Usually flywheels are made of a heavier material than aluminum such as cast iron or brass. As for can material being good to cast an engine frame or cylinder with I do not know, you may want to pose this question in the home foundry section. With that said don't stop drinking beer just because you can't make a flywheel out of the can :big:
Cheers
Brad


----------



## wmf138 (May 21, 2009)

Dont have that problem here in South Australia 

we down here take our cans to the recyclers and get rid of them 

Oh we get 10cents a can for them 

10 for a $1.00 au or 45p i think 85c US 

not bad

Wayne


----------



## Majorstrain (May 21, 2009)

I've been told that cans can be used as a material source.
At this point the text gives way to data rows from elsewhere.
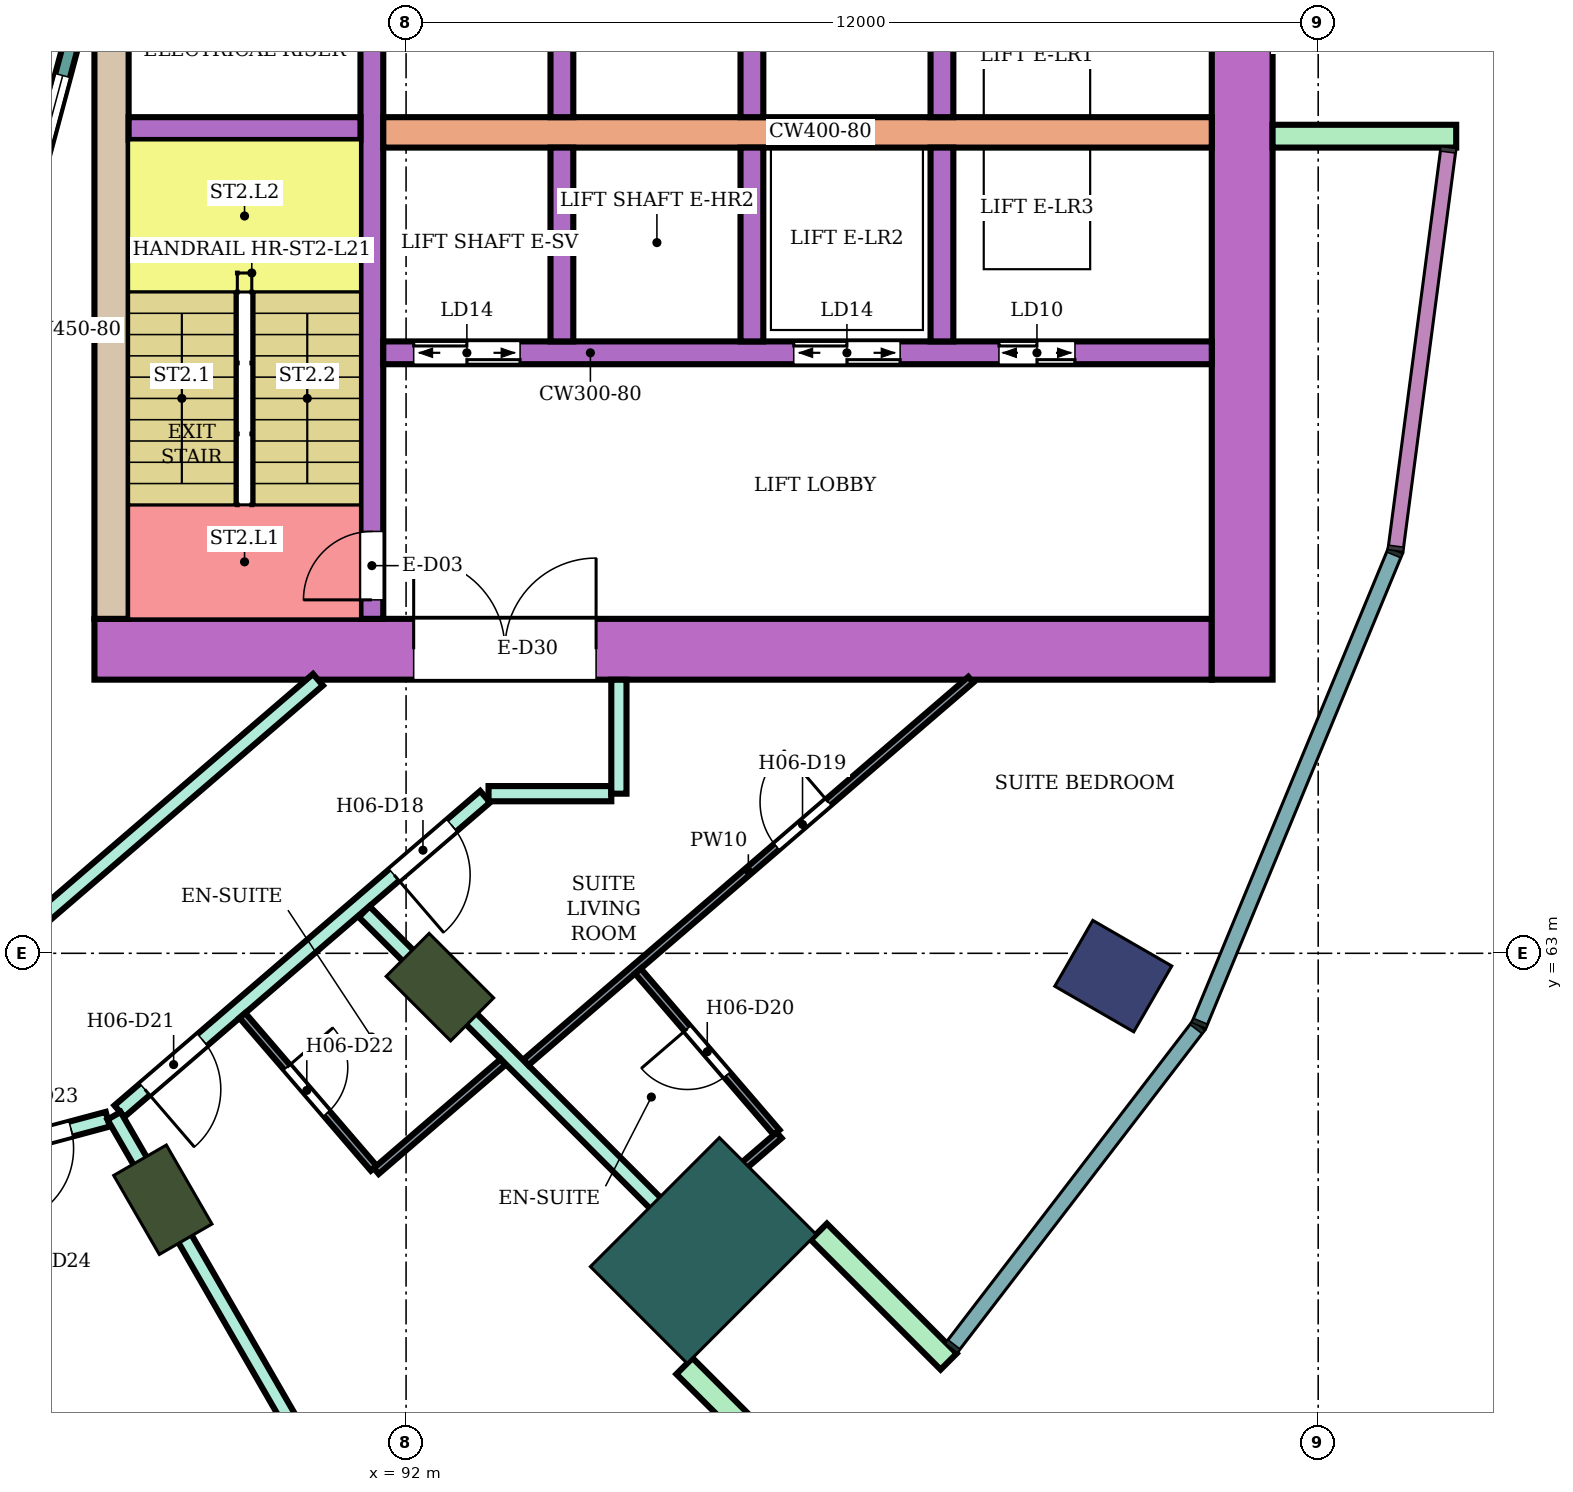
"""IFC4 building model, lengths in metres.
Left out: names, types, materials, properties, quantities, classifications, styles, units other than length and angle.
Written with IfcOpenShell. Run it as: python <this file> out.ifc"""

import sys

from ifc_helpers import new_model, si_unit, direction, frame, frame_2d, origin, origin_2d, place, context, subcontext, project, spatial, rectangle, extrude, element, fill, save


model = new_model("IFC4")
c1 = context("Model", 3, precision=1e-05, world=origin(), true_north=direction((0.0, 1.0)))
c2 = subcontext(c1, "Body", "Model", "MODEL_VIEW")
j1 = project(units=[si_unit("LENGTHUNIT", "METRE"), si_unit("PLANEANGLEUNIT", "RADIAN")], contexts=[c1])
p1 = place(None, origin())
s1 = spatial("IfcSite", under=j1, at=p1, CompositionType="ELEMENT")
p2 = place(p1, origin())
s2 = spatial("IfcBuilding", under=s1, at=p2, CompositionType="ELEMENT")
p3 = place(p2, frame((0.0, 0.0, 93.8)))
s3 = spatial("IfcBuildingStorey", under=s2, at=p3, CompositionType="ELEMENT", Elevation=93.8)
p4 = place(p3, frame((101.304, 62.7, 0.0), z_axis=(0.0, 0.0, 1.0), x_axis=(0.866025403784, -0.5, 0.0)))
e1 = element("IfcColumn", 1, at=p4, inside=s3, PredefinedType="COLUMN", context=c2, shape_type="SweptSolid", body=[
    extrude(rectangle(XDim=1.2, YDim=1.0, at=origin_2d()), origin(), (0.0, 0.0, 1.0), 3.8),
])
for number, where, z_axis, x_axis in (
    (2, (88.8, 59.758, 0.0), (0.0, 0.0, 1.0), (0.5, -0.866, 0.0)),
    (3, (92.445, 62.555, 0.0), (0.0, 0.0, 1.0), (0.707, -0.707, 0.0)),
):
    element("IfcColumn", number, at=place(p3, frame(where, z_axis=z_axis, x_axis=x_axis)), inside=s3, PredefinedType="COLUMN", context=c2, shape_type="SweptSolid", body=[
        extrude(rectangle(XDim=1.2, YDim=0.8, at=origin_2d()), origin(), (0.0, 0.0, 1.0), 3.8),
    ])
p5 = place(p3, frame((95.91, 59.09, 0.0), z_axis=(0.0, 0.0, 1.0), x_axis=(0.707106781187, -0.707106781187, 0.0)))
e4 = element("IfcColumn", 4, at=p5, inside=s3, PredefinedType="COLUMN", context=c2, shape_type="SweptSolid", body=[
    extrude(rectangle(XDim=1.8, YDim=2.4, at=origin_2d()), origin(), (0.0, 0.0, 1.0), 3.8),
])
p6 = place(p3, frame((87.9, 67.0, 0.0), z_axis=(0.0, 0.0, 1.0), x_axis=(1.0, 0.0, 0.0)))
e5 = element("IfcWall", 5, at=p6, inside=s3, PredefinedType="SHEAR", context=c2, shape_type="SweptSolid", body=[
    extrude(rectangle(XDim=14.7, YDim=0.8, at=frame_2d((7.35, 0.0))), origin(), (0.0, 0.0, 1.0), 3.48),
])
p7 = place(p6, frame((4.2, 0.0, 0.0)))
e6 = element("IfcOpeningElement", 6, at=p7, cuts=e5, PredefinedType="OPENING", context=c2, shape_type="SweptSolid", body=[
    extrude(rectangle(XDim=2.4, YDim=2.4, at=frame_2d((1.2, 1.2))), frame((0.0, 0.41, 0.0), z_axis=(0.0, -1.0, 0.0), x_axis=(1.0, 0.0, 0.0)), (0.0, 0.0, 1.0), 0.82),
])
p8 = place(p3, frame((88.125, 67.4, 0.0), z_axis=(0.0, 0.0, 1.0), x_axis=(0.0, 1.0, 0.0)))
e7 = element("IfcWall", 7, at=p8, inside=s3, PredefinedType="SHEAR", context=c2, shape_type="SweptSolid", body=[
    extrude(rectangle(XDim=7.6, YDim=0.45, at=frame_2d((3.8, 0.0))), origin(), (0.0, 0.0, 1.0), 3.48),
])
p9 = place(p3, frame((103.0, 66.6, 0.0), z_axis=(0.0, 0.0, 1.0), x_axis=(0.0, 1.0, 0.0)))
e8 = element("IfcWall", 8, at=p9, inside=s3, PredefinedType="SHEAR", context=c2, shape_type="SweptSolid", body=[
    extrude(rectangle(XDim=16.8, YDim=0.8, at=frame_2d((8.4, 0.0))), origin(), (0.0, 0.0, 1.0), 3.48),
])
p10 = place(p3, frame((91.55, 67.4, 0.0), z_axis=(0.0, 0.0, 1.0), x_axis=(0.0, 1.0, 0.0)))
e9 = element("IfcWall", 9, at=p10, inside=s3, PredefinedType="SHEAR", context=c2, shape_type="SweptSolid", body=[
    extrude(rectangle(XDim=7.6, YDim=0.3, at=frame_2d((3.8, 0.0))), origin(), (0.0, 0.0, 1.0), 3.48),
])
p11 = place(p10, frame((0.25, 0.0, 0.0)))
e10 = element("IfcOpeningElement", 10, at=p11, cuts=e9, PredefinedType="OPENING", context=c2, shape_type="SweptSolid", body=[
    extrude(rectangle(XDim=0.9, YDim=2.1, at=frame_2d((0.45, 1.05))), frame((0.0, 0.16, 0.0), z_axis=(0.0, -1.0, 0.0), x_axis=(1.0, 0.0, 0.0)), (0.0, 0.0, 1.0), 0.32),
])
p12 = place(p3, frame((88.35, 73.85, 0.0), z_axis=(0.0, 0.0, 1.0), x_axis=(1.0, 0.0, 0.0)))
e11 = element("IfcWall", 11, at=p12, inside=s3, PredefinedType="SHEAR", context=c2, shape_type="SweptSolid", body=[
    extrude(rectangle(XDim=3.05, YDim=0.3, at=frame_2d((1.525, 0.0))), origin(), (0.0, 0.0, 1.0), 3.48),
])
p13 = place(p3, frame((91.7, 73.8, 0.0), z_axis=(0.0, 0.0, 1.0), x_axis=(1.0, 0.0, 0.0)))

But because their surface is so large compared to their thickness, you end up loosing %50 to dross.

Cheers
Phil


----------



## PTsideshow (May 21, 2009)

yes and no, First the cans are coated both inside and out with a plastic type coating, one to keep the product fresh and the other to keep the printing ink on the outside.

No going along with keeping them clean and free of trash and moisture inside. If they are crushed water or other liquid can be trapped inside and water expands something like 1,100to 1,200 times when changed to steam.

And if you weigh them you will see that even for a small casting you will need a boatload.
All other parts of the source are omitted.